Australia's financial system has withstood the shocks of the global financial crisis 'better than many others', partly because its housing and mortgage markets did not become as overextended as in the US, Ms Ellis said. The central bank cut borrowing costs last week to a 49-year low of 3 per cent to stoke an economy that is forecast by policymakers to contract this year for the first time in almost two decades.

'There are signs that Australian banks and other lenders have become more risk-averse and they have tightened lending criteria somewhat,' Ms Ellis said. 'However, it appears that good-quality borrowers can still obtain and roll over credit.' Households and businesses have also become more 'risk averse' than in recent years, are saving more, and have cut demand for credit, she said.

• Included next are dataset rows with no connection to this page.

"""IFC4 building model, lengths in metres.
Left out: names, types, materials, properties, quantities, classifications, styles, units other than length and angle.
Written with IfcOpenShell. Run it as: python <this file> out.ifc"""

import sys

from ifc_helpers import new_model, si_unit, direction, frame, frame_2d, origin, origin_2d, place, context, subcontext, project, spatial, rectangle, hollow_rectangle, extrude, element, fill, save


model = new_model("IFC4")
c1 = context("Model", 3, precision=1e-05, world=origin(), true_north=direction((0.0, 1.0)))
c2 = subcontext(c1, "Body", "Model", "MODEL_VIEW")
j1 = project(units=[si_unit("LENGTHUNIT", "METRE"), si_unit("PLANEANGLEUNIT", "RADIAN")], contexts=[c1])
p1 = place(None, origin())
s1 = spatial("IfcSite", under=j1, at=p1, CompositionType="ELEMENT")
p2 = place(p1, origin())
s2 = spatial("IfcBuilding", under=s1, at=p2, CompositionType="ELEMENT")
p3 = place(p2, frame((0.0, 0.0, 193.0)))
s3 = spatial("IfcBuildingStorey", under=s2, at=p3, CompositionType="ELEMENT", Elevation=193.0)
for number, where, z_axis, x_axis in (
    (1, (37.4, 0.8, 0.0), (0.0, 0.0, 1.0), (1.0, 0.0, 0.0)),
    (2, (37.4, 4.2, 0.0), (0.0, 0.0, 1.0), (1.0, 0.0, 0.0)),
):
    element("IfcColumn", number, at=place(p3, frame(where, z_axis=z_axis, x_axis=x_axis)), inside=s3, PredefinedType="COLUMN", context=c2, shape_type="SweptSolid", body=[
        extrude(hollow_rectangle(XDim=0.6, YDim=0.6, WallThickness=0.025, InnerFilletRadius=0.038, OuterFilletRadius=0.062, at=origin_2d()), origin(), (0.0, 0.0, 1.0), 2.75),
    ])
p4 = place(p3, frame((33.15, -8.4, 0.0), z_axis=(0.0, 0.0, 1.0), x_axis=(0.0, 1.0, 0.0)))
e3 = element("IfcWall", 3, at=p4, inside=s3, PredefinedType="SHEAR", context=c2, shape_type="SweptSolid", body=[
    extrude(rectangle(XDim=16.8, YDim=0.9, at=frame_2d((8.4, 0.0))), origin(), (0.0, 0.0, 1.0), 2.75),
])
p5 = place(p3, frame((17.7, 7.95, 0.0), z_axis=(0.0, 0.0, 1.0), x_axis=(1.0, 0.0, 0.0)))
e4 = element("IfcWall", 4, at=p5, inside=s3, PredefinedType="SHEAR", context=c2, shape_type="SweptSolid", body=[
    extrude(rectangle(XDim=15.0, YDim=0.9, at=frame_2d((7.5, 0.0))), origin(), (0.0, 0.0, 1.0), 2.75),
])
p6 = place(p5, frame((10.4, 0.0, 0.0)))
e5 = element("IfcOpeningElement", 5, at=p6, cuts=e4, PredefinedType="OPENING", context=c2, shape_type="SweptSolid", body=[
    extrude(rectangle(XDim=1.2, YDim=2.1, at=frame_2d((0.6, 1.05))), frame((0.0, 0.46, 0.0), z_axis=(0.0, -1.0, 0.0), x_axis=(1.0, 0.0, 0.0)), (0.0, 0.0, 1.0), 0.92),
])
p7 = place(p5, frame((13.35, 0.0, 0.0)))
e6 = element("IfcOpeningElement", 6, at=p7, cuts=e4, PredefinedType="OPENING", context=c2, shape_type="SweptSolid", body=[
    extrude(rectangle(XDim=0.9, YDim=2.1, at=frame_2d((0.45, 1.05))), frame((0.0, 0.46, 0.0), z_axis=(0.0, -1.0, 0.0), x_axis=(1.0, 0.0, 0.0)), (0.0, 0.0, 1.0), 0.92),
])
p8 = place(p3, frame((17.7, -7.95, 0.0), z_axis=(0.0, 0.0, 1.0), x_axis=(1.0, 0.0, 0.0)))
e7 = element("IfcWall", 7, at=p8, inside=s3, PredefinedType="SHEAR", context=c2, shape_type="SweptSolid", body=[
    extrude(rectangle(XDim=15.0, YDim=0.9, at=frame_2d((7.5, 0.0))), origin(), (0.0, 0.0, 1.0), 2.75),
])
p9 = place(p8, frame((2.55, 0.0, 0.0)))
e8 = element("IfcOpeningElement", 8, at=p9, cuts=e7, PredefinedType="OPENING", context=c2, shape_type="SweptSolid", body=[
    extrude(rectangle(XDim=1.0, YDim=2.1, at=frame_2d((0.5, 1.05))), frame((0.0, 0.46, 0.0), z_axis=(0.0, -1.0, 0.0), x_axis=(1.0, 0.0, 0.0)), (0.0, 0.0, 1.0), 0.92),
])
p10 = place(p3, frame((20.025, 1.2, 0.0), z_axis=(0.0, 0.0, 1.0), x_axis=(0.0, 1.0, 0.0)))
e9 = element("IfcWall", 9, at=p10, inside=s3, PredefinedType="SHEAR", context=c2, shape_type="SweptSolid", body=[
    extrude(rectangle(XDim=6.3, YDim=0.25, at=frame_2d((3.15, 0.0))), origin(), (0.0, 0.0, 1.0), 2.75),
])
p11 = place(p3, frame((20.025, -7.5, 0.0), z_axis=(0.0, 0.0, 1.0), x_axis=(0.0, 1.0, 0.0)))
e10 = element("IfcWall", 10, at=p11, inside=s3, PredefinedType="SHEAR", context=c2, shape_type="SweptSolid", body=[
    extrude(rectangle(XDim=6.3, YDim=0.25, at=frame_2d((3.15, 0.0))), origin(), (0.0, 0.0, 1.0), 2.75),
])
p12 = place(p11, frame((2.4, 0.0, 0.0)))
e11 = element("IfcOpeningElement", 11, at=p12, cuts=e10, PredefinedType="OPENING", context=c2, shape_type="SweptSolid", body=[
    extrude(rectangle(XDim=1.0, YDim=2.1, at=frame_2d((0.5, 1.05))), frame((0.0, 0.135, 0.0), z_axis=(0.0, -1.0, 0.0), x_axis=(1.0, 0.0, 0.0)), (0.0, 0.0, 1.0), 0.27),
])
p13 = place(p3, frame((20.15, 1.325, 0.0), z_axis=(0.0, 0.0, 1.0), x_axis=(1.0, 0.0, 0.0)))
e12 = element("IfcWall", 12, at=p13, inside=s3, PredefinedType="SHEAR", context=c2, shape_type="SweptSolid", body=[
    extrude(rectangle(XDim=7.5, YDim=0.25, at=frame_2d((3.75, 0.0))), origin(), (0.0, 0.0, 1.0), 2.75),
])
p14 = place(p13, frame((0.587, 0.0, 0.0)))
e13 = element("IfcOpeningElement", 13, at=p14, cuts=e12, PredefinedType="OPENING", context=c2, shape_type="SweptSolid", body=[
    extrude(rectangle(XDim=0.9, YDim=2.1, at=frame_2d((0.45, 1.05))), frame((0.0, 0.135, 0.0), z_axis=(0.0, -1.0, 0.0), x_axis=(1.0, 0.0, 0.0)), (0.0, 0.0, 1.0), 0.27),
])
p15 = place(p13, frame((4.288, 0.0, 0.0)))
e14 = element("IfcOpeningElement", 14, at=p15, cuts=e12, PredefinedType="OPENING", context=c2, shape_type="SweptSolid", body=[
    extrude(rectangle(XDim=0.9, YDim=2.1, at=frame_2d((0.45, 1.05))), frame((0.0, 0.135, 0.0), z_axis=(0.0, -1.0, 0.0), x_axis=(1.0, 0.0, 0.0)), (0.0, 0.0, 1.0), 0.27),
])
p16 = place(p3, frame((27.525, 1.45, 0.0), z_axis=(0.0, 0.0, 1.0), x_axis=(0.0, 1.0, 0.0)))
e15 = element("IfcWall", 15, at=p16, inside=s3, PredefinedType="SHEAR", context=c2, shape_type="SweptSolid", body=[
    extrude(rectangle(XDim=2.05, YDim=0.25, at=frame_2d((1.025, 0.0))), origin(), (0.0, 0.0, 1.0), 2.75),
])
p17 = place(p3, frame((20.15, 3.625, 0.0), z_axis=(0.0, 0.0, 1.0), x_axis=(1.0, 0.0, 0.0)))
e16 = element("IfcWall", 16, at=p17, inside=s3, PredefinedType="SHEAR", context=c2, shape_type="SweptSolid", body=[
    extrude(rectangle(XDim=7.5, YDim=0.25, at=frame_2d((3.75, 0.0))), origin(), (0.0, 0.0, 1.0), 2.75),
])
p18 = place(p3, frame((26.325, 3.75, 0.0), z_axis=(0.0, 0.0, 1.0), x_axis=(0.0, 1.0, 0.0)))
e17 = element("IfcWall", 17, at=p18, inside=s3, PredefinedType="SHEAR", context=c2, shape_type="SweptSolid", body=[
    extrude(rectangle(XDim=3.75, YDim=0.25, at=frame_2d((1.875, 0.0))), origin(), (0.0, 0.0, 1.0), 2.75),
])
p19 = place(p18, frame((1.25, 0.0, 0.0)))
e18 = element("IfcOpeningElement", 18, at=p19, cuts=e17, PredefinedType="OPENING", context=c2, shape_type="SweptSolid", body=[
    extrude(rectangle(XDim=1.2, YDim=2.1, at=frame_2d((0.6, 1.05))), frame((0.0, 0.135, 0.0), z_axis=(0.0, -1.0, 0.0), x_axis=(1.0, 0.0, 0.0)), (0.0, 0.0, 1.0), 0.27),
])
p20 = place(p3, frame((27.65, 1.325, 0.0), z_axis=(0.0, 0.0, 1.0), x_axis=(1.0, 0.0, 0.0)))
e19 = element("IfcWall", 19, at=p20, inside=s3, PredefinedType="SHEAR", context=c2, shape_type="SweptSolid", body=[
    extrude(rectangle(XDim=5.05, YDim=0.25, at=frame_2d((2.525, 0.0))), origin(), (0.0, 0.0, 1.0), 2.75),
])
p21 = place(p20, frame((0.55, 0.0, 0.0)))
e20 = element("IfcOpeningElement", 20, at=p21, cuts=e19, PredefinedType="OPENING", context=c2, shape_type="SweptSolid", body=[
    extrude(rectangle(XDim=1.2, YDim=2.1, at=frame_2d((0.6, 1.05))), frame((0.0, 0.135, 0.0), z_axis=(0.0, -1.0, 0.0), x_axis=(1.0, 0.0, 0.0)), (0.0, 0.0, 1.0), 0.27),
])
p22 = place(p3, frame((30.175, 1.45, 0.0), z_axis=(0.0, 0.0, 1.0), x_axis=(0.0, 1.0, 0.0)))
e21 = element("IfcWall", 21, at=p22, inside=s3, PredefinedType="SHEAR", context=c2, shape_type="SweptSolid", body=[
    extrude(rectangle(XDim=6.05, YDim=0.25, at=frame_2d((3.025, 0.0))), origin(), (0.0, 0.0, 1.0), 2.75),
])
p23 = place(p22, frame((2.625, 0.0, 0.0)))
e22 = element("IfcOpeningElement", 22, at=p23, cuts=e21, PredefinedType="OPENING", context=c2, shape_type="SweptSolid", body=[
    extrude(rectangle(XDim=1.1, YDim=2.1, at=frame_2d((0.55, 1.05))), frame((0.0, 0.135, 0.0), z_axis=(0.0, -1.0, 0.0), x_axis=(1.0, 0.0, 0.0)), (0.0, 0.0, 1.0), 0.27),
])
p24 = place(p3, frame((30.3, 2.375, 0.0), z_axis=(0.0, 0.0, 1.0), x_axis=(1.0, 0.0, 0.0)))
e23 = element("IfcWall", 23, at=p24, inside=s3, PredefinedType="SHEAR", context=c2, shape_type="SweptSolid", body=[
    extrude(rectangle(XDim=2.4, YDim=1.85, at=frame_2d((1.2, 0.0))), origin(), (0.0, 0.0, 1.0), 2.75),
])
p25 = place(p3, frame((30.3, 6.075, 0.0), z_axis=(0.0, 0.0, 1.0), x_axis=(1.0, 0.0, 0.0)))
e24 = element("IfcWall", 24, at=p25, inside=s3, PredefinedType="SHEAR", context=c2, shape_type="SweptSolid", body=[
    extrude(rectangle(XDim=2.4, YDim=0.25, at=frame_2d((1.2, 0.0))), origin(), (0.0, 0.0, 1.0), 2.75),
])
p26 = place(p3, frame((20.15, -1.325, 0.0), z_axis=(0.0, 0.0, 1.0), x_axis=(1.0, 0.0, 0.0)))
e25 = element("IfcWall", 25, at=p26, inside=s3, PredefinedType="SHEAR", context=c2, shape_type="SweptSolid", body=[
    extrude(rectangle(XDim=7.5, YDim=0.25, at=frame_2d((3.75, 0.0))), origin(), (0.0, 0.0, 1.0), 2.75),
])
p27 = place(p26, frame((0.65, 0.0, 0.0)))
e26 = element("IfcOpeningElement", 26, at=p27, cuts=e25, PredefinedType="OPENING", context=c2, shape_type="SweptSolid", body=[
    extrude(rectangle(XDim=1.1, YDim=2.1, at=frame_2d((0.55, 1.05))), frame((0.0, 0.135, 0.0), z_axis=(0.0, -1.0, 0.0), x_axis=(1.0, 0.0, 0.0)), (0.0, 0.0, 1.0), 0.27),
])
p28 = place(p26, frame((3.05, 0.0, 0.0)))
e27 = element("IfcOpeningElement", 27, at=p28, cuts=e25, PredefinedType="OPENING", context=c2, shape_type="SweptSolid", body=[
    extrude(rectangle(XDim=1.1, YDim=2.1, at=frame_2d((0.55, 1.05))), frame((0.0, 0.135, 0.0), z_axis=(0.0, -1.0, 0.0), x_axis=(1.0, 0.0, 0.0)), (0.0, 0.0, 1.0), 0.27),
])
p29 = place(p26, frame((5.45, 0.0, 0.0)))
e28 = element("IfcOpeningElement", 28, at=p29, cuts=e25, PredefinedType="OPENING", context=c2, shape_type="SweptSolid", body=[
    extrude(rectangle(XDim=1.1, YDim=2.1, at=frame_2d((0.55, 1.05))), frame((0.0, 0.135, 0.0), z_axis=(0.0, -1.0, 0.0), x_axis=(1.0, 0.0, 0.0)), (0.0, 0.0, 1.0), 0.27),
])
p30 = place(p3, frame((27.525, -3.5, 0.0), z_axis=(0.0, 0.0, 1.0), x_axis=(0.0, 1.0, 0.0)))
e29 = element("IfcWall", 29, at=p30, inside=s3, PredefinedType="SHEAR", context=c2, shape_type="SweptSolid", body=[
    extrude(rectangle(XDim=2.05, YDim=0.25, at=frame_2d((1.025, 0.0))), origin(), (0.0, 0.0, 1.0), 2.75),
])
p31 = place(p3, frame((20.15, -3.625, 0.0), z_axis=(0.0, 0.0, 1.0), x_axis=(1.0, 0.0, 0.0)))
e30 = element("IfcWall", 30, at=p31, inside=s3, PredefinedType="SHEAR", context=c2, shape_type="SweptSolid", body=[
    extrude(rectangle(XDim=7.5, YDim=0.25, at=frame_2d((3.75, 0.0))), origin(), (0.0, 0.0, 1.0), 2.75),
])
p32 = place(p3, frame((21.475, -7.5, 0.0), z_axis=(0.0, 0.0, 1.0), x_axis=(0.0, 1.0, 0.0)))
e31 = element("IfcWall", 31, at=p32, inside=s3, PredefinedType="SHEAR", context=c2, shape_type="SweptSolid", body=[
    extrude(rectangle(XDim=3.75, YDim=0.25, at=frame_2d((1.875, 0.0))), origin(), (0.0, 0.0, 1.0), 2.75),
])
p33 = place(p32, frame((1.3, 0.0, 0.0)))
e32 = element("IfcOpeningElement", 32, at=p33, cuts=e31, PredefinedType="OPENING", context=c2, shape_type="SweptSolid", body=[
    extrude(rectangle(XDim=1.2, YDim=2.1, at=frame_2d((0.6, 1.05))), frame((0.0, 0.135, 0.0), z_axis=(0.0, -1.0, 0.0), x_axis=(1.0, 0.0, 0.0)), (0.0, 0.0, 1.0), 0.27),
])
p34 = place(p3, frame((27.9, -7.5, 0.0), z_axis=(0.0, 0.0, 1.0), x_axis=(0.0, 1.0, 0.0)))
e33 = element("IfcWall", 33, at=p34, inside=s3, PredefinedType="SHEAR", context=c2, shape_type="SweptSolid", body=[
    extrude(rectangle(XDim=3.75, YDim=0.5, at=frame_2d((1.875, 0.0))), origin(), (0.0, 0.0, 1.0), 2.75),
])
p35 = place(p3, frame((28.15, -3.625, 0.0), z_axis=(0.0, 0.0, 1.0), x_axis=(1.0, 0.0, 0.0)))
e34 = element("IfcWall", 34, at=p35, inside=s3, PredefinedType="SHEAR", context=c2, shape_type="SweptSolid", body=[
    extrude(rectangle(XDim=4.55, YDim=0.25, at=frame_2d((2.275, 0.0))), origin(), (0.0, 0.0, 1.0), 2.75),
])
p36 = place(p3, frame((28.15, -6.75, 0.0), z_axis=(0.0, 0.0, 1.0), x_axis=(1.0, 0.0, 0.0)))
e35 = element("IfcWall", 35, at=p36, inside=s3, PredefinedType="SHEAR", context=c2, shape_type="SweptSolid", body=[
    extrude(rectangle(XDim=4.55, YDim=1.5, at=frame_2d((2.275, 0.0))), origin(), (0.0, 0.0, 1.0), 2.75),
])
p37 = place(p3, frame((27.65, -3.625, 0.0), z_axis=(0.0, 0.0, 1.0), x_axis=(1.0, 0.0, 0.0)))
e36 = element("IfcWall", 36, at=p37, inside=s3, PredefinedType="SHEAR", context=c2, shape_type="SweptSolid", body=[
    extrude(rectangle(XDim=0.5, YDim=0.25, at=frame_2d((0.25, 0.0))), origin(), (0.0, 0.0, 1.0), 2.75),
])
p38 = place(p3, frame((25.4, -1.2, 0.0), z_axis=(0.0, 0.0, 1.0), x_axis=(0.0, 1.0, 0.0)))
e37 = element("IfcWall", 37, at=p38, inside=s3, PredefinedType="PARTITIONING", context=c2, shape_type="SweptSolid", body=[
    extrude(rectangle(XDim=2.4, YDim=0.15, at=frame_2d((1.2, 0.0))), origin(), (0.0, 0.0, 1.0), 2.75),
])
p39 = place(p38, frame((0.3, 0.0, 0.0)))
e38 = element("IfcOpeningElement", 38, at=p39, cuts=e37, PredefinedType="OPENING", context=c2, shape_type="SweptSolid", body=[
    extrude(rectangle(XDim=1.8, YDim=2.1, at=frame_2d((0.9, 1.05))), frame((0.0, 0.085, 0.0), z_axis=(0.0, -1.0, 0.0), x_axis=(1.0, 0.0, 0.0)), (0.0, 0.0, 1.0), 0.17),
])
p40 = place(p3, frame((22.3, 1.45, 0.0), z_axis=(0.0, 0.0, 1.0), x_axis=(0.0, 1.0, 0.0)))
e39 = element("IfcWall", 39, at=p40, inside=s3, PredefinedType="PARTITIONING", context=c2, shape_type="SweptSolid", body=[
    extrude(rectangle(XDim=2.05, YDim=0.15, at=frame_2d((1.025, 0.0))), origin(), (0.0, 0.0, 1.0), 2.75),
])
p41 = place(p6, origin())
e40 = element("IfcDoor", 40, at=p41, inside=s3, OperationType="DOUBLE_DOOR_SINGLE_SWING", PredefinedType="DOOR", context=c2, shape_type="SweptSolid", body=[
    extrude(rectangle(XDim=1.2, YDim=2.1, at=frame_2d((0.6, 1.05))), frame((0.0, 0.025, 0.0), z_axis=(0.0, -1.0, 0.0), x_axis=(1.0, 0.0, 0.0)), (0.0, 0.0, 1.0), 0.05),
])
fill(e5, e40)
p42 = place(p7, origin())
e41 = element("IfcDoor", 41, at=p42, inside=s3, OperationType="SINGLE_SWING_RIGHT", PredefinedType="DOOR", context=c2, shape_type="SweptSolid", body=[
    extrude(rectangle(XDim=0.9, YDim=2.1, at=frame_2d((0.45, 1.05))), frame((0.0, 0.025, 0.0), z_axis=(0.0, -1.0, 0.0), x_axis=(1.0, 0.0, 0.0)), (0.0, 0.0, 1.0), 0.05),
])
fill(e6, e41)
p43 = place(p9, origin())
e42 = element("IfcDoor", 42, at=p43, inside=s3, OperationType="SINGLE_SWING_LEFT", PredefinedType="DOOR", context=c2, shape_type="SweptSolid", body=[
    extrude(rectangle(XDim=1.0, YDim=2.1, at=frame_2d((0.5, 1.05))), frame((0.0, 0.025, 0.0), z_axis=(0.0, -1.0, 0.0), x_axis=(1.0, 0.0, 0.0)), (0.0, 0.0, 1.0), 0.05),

Total loans provided by banks and other finance companies were unchanged in February from January, when they rose 0.6 per cent, Reserve Bank of Australia figures showed on March 31.

Loans to consumers to buy homes rose 0.6 per cent for an annual gain of 7.1 per cent.

Ms Ellis said that the global economic crisis has triggered debate, inside and outside central banks, on whether monetary policy should be used to respond to concerns about financial stability.

'But there is also recognition in many quarters that low interest rates were not - and shouldn't be - enough to cause such a crisis on their own,' she said, referring to the interest rate cuts that followed the 2001 dotcom bust.

'A lack of appropriate financial regulation in some countries is widely regarded as one of the important causes of the crisis,' Ms Ellis said.

A key reason Australia's housing market was less over-extended was that lending standards did not ease as much as in the US, according to the central bank.

'Sitting on the other side of the world, it's easy to lose sight of just how far lending standards did decline in the US mortgage market,' Ms Ellis said. 'Low-doc loans exist in Australia, but they are less common.'

Also, because Australians cannot deduct the interest on their home mortgage from their taxable income, as in the US, they are not encouraged to keep their mortgage balances high, she said.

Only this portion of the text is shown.